In my artistry, I have created a set of dogmas (rules) as a premise for my own work. Following them creates a logic and thematic connection with expressive and conceptual further development. The material was developed through research and fieldwork at Mjøsa, and by collaboration between researchers at NTNU Gjøvik with 'Oppdrag Mjøsa' and conservators at Anno Domkirkeodden and archaeologists from Innlandet County. By using our cultural heritage as readymades, the public gained a closer knowledge of local history, and saw parts from Kongens brøng from Åker gård from the year 1040, an anchor from one of the steamships that sailed on Mjøsa in the 19th century on loan from Domkirkeodden Anno Museum and photograph printed on aluminum plates from the Digitalt Museum, as well as parts of car wrecks from Grønvolds Bildemontering in a new context.

 

My focus revolves around the paradox that we try to preserve the earth at the same time as we destroy it.

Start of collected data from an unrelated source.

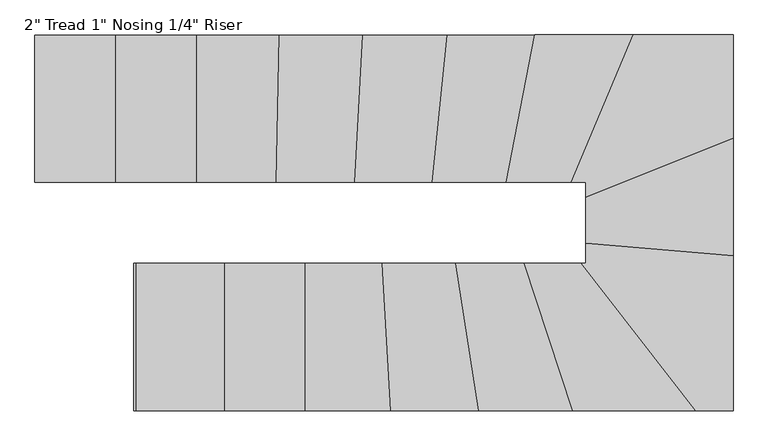
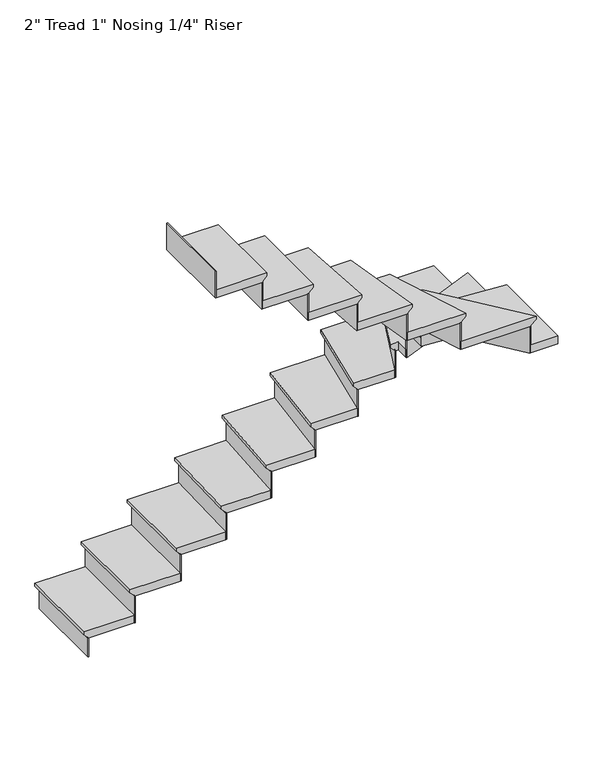
"""IFC4 building model written with IfcOpenShell, lengths in millimetres: stair flight geometry."""

from ifc_helpers import new_model, si_unit, origin, place, context, project, spatial, faceted_brep, source, transform, mapped, element, save


def stair_flight_0d5ba797(model_context):
    return source(origin(), model_context, "Body", "Brep", [
        faceted_brep([(838.4202681, 2693.877558, 6720.4166667), (838.4202681, 2693.877558, 6739.4666667), (838.4202681, 3202.4524989, 6739.4666667), (838.4202681, 3202.4524989, 6720.4166667), (863.8202681, 2693.877558, 6695.0166667), (863.8202681, 3202.4524989, 6695.0166667), (1143.2202681, 2693.877558, 6739.4666667), (1143.2202681, 3202.4524989, 6739.4666667), (863.8202681, 3202.4524989, 6688.6666667), (1143.2202681, 3202.4524989, 6688.6666667), (1143.2202681, 2693.877558, 6688.6666667), (863.8202681, 2693.877558, 6688.6666667)], [[[0, 1, 2, 3]], [[4, 0, 3, 5]], [[2, 1, 6, 7]], [[8, 9, 10, 11]], [[2, 7, 9, 8, 5, 3]], [[8, 11, 4, 5]], [[6, 1, 0, 4, 11, 10]], [[7, 6, 10, 9]]]),
        faceted_brep([(863.8202681, 2693.877558, 6688.6666667), (863.8202681, 2693.877558, 6570.1333333), (870.1702681, 2693.877558, 6570.1333333), (870.1702681, 2693.877558, 6688.6666667), (863.8202681, 3202.4524989, 6688.6666667), (870.1702681, 3202.4524989, 6688.6666667), (870.1702681, 3202.4524989, 6570.1333333), (863.8202681, 3202.4524989, 6570.1333333)], [[[0, 1, 2, 3]], [[4, 5, 6, 7]], [[1, 0, 4, 7]], [[2, 1, 7, 6]], [[3, 2, 6, 5]], [[0, 3, 5, 4]]]),
        faceted_brep([(1143.2202681, 2693.877558, 6858.0), (1143.2202681, 2693.877558, 6688.6666667), (1149.5702681, 2693.877558, 6688.6666667), (1149.5702681, 2693.877558, 6858.0), (1143.2202681, 3202.4524989, 6858.0), (1149.5702681, 3202.4524989, 6858.0), (1149.5702681, 3202.4524989, 6688.6666667), (1143.2202681, 3202.4524989, 6688.6666667)], [[[0, 1, 2, 3]], [[4, 5, 6, 7]], [[1, 0, 4, 7]], [[2, 1, 7, 6]], [[3, 2, 6, 5]], [[0, 3, 5, 4]]]),
        faceted_brep([(1117.8202681, 3202.4524989, 6908.8), (1117.8202681, 2693.877558, 6908.8), (1422.6202681, 2693.877558, 6908.8), (1422.6202681, 3202.4524989, 6908.8), (1143.2202681, 3202.4524989, 6858.0), (1422.6202681, 3202.4524989, 6858.0), (1422.6202681, 2693.877558, 6858.0), (1143.2202681, 2693.877558, 6858.0), (1143.2202681, 3202.4524989, 6864.35), (1117.8202681, 3202.4524989, 6889.75), (1143.2202681, 2693.877558, 6864.35), (1117.8202681, 2693.877558, 6889.75)], [[[0, 1, 2, 3]], [[4, 5, 6, 7]], [[0, 3, 5, 4, 8, 9]], [[4, 7, 10, 8]], [[2, 1, 11, 10, 7, 6]], [[3, 2, 6, 5]], [[11, 1, 0, 9]], [[10, 11, 9, 8]]]),
        faceted_brep([(1422.6202681, 2693.877558, 7027.3333333), (1422.6202681, 2693.877558, 6858.0), (1428.9702681, 2693.877558, 6858.0), (1428.9702681, 2693.877558, 7027.3333333), (1422.6202681, 3202.4524989, 7027.3333333), (1428.9702681, 3202.4524989, 7027.3333333), (1428.9702681, 3202.4524989, 6858.0), (1422.6202681, 3202.4524989, 6858.0)], [[[0, 1, 2, 3]], [[4, 5, 6, 7]], [[1, 0, 4, 7]], [[2, 1, 7, 6]], [[3, 2, 6, 5]], [[0, 3, 5, 4]]]),
        faceted_brep([(1397.2202681, 3202.4524989, 7078.1333333), (1397.2202681, 2693.877558, 7078.1333333), (1696.6553711, 2693.877558, 7078.1333333), (1707.3964935, 3202.4524989, 7078.1333333), (1422.6202681, 3202.4524989, 7027.3333333), (1707.3964935, 3202.4524989, 7027.3333333), (1696.6553711, 2693.877558, 7027.3333333), (1422.6202681, 2693.877558, 7027.3333333), (1422.6202681, 3202.4524989, 7033.6833333), (1397.2202681, 3202.4524989, 7059.0833333), (1422.6202681, 2693.877558, 7033.6833333), (1397.2202681, 2693.877558, 7059.0833333)], [[[0, 1, 2, 3]], [[4, 5, 6, 7]], [[0, 3, 5, 4, 8, 9]], [[4, 7, 10, 8]], [[2, 1, 11, 10, 7, 6]], [[3, 2, 6, 5]], [[11, 1, 0, 9]], [[10, 11, 9, 8]]]),
        faceted_brep([(1696.6553711, 2693.877558, 7196.6666667), (1696.6553711, 2693.877558, 7027.3333333), (1703.0067872, 2693.877558, 7027.3333333), (1703.0067872, 2693.877558, 7196.6666667), (1707.3964935, 3202.4524989, 7196.6666667), (1713.7479096, 3202.4524989, 7196.6666667), (1713.7479096, 3202.4524989, 7027.3333333), (1707.3964935, 3202.4524989, 7027.3333333)], [[[0, 1, 2, 3]], [[4, 5, 6, 7]], [[1, 0, 4, 7]], [[2, 1, 7, 6]], [[3, 2, 6, 5]], [[0, 3, 5, 4]]]),
        faceted_brep([(1681.9908293, 3202.4524989, 7247.4666667), (1671.2497068, 2693.877558, 7247.4666667), (1968.2389719, 2693.877558, 7247.4666667), (1994.6701229, 3202.4524989, 7247.4666667), (1707.3964935, 3202.4524989, 7196.6666667), (1994.6701229, 3202.4524989, 7196.6666667), (1968.2389719, 2693.877558, 7196.6666667), (1696.6553711, 2693.877558, 7196.6666667), (1707.3964935, 3202.4524989, 7203.0166667), (1681.9908293, 3202.4524989, 7228.4166667), (1696.6553711, 2693.877558, 7203.0166667), (1671.2497068, 2693.877558, 7228.4166667)], [[[0, 1, 2, 3]], [[4, 5, 6, 7]], [[0, 3, 5, 4, 8, 9]], [[4, 7, 10, 8]], [[2, 1, 11, 10, 7, 6]], [[3, 2, 6, 5]], [[11, 1, 0, 9]], [[10, 11, 9, 8]]]),
        faceted_brep([(1968.2389719, 2693.877558, 7366.0), (1968.2389719, 2693.877558, 7196.6666667), (1974.5975418, 2693.877558, 7196.6666667), (1974.5975418, 2693.877558, 7366.0), (1994.6701229, 3202.4524989, 7366.0), (2001.0286928, 3202.4524989, 7366.0), (2001.0286928, 3202.4524989, 7196.6666667), (1994.6701229, 3202.4524989, 7196.6666667)], [[[0, 1, 2, 3]], [[4, 5, 6, 7]], [[1, 0, 4, 7]], [[2, 1, 7, 6]], [[3, 2, 6, 5]], [[0, 3, 5, 4]]]),
        faceted_brep([(1969.2358436, 3202.4524989, 7416.8), (1942.8046925, 2693.877558, 7416.8), (2235.1931673, 2693.877558, 7416.8), (2286.7073051, 3202.4524989, 7416.8), (1994.6701229, 3202.4524989, 7366.0), (2286.7073051, 3202.4524989, 7366.0), (2235.1931673, 2693.877558, 7366.0), (1968.2389719, 2693.877558, 7366.0), (1994.6701229, 3202.4524989, 7372.35), (1969.2358436, 3202.4524989, 7397.75), (1968.2389719, 2693.877558, 7372.35), (1942.8046925, 2693.877558, 7397.75)], [[[0, 1, 2, 3]], [[4, 5, 6, 7]], [[0, 3, 5, 4, 8, 9]], [[4, 7, 10, 8]], [[2, 1, 11, 10, 7, 6]], [[3, 2, 6, 5]], [[11, 1, 0, 9]], [[10, 11, 9, 8]]]),
        faceted_brep([(2235.1931673, 2693.877558, 7535.3333333), (2235.1931673, 2693.877558, 7366.0), (2241.5756594, 2693.877558, 7366.0), (2241.5756594, 2693.877558, 7535.3333333), (2286.7073051, 3202.4524989, 7535.3333333), (2293.0897971, 3202.4524989, 7535.3333333), (2293.0897971, 3202.4524989, 7366.0), (2286.7073051, 3202.4524989, 7366.0)], [[[0, 1, 2, 3]], [[4, 5, 6, 7]], [[1, 0, 4, 7]], [[2, 1, 7, 6]], [[3, 2, 6, 5]], [[0, 3, 5, 4]]]),
        faceted_brep([(2261.1773369, 3202.4524989, 7586.1333333), (2209.6631992, 2693.877558, 7586.1333333), (2491.6737127, 2693.877558, 7586.1333333), (2589.7018996, 3202.4524989, 7586.1333333), (2286.7073051, 3202.4524989, 7535.3333333), (2589.7018996, 3202.4524989, 7535.3333333), (2491.6737127, 2693.877558, 7535.3333333), (2235.1931673, 2693.877558, 7535.3333333), (2286.7073051, 3202.4524989, 7541.6833333), (2261.1773369, 3202.4524989, 7567.0833333), (2235.1931673, 2693.877558, 7541.6833333), (2209.6631992, 2693.877558, 7567.0833333)], [[[0, 1, 2, 3]], [[4, 5, 6, 7]], [[0, 3, 5, 4, 8, 9]], [[4, 7, 10, 8]], [[2, 1, 11, 10, 7, 6]], [[3, 2, 6, 5]], [[11, 1, 0, 9]], [[10, 11, 9, 8]]]),
        faceted_brep([(2491.6737127, 2693.877558, 7704.6666667), (2491.6737127, 2693.877558, 7535.3333333), (2498.1405972, 2693.877558, 7535.3333333), (2498.1405972, 2693.877558, 7704.6666667), (2589.7018996, 3202.4524989, 7704.6666667), (2596.1687841, 3202.4524989, 7704.6666667), (2596.1687841, 3202.4524989, 7535.3333333), (2589.7018996, 3202.4524989, 7535.3333333)], [[[0, 1, 2, 3]], [[4, 5, 6, 7]], [[1, 0, 4, 7]], [[2, 1, 7, 6]], [[3, 2, 6, 5]], [[0, 3, 5, 4]]]),
        faceted_brep([(2563.8343615, 3202.4524989, 7755.4666667), (2465.8061746, 2693.877558, 7755.4666667), (2717.082711, 2693.877558, 7755.4666667), (2931.3822032, 3202.4524989, 7755.4666667), (2589.7018996, 3202.4524989, 7704.6666667), (2931.3822032, 3202.4524989, 7704.6666667), (2717.082711, 2693.877558, 7704.6666667), (2491.6737127, 2693.877558, 7704.6666667), (2589.7018996, 3202.4524989, 7711.0166667), (2563.8343615, 3202.4524989, 7736.4166667), (2491.6737127, 2693.877558, 7711.0166667), (2465.8061746, 2693.877558, 7736.4166667)], [[[0, 1, 2, 3]], [[4, 5, 6, 7]], [[0, 3, 5, 4, 8, 9]], [[4, 7, 10, 8]], [[2, 1, 11, 10, 7, 6]], [[3, 2, 6, 5]], [[11, 1, 0, 9]], [[10, 11, 9, 8]]]),
        faceted_brep([(2717.082711, 2693.877558, 7874.0), (2717.082711, 2693.877558, 7704.6666667), (2723.973426, 2693.877558, 7704.6666667), (2723.973426, 2693.877558, 7874.0), (2931.3822032, 3202.4524989, 7874.0), (2938.2729181, 3202.4524989, 7874.0), (2938.2729181, 3202.4524989, 7704.6666667), (2931.3822032, 3202.4524989, 7704.6666667)], [[[0, 1, 2, 3]], [[4, 5, 6, 7]], [[1, 0, 4, 7]], [[2, 1, 7, 6]], [[3, 2, 6, 5]], [[0, 3, 5, 4]]]),
        faceted_brep([(3247.982332, 2818.4435318, 7924.8), (3247.982332, 3202.4524989, 7924.8), (2903.8193433, 3202.4524989, 7924.8), (2689.5198512, 2693.877558, 7924.8), (2739.4073911, 2693.877558, 7924.8), (2739.4073911, 2614.5975609, 7924.8), (3247.982332, 3202.4524989, 7874.0), (3247.982332, 2818.4435318, 7874.0), (2739.4073911, 2614.5975609, 7874.0), (2739.4073911, 2693.877558, 7874.0), (2717.082711, 2693.877558, 7874.0), (2931.3822032, 3202.4524989, 7874.0), (2717.082711, 2693.877558, 7880.35), (2931.3822032, 3202.4524989, 7880.35), (2689.5198512, 2693.877558, 7905.75), (2903.8193433, 3202.4524989, 7905.75)], [[[0, 1, 2, 3, 4, 5]], [[6, 7, 8, 9, 10, 11]], [[1, 0, 7, 6]], [[11, 10, 12, 13]], [[5, 4, 9, 8]], [[0, 5, 8, 7]], [[14, 3, 2, 15]], [[12, 14, 15, 13]], [[4, 3, 14, 12, 10, 9]], [[2, 1, 6, 11, 13, 15]]]),
        faceted_brep([(2739.4073911, 2614.5975609, 8043.3333333), (2739.4073911, 2614.5975609, 7874.0), (2739.4073911, 2607.7564709, 7874.0), (2739.4073911, 2607.7564709, 8043.3333333), (3247.982332, 2818.4435318, 8043.3333333), (3247.982332, 2811.6024418, 8043.3333333), (3247.982332, 2811.6024418, 7874.0), (3247.982332, 2818.4435318, 7874.0)], [[[0, 1, 2, 3]], [[4, 5, 6, 7]], [[1, 0, 4, 7]], [[2, 1, 7, 6]], [[3, 2, 6, 5]], [[0, 3, 5, 4]]]),
        faceted_brep([(3247.982332, 2845.807892, 8094.1333333), (2739.4073911, 2641.9619211, 8094.1333333), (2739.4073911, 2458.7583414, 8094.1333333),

Our shared cultural heritage is also perishable. When archaeologists excavate objects of cultural historical value, they also expose them to oxygen so that they shorten the life of the objects. This despite ambitions for conservation in order to develop an understanding of our own past and present.

 

Assignment Mjøsa is a research project that will be a tool to facilitate value creation, better water quality, drinking water quality and food quality and to maintain the environmental values in Mjøsa. The background for the research project is, among other things, the rich cultural history of Mjøsa. The lake has been an important traffic route for thousands of years, and we know that at the bottom of Mjøsa there are car wrecks, ammunition and perhaps even traces of Viking ships. Mjøsa is also one of the most biologically diverse freshwater lakes in Norway with 20 registered fish species, as well as the fact that the lake is a source of drinking water for 100,000 people. Today, the environmental conditions in Mjøsa are good, but this may change in the future.

Ankeret og brønnstokken 
Text by Anne Kathrine Bakstad

Photo: Kunstbanken / Tobias Nordvik

My artistic goal is to provoke a critical position where one is able to reflect on one's own existence, and questions about how humans affect the world, from the individual to the global level - which continue to linger in the back of the mind long after the viewer has left the exhibition. I have approached this by letting the public continue the main work's creation process during the exhibition period, by encouraging children and young people to draw what they think is at the bottom of Mjøsa in my drawing. The idea comes from video from the submarine Hugin to NTNU from the bottom of Mjøsa, where visibility is very poor. The idea was that the children will stick to the chalk drawing as they draw more, and thus get closer to what it is like in the mud at the bottom.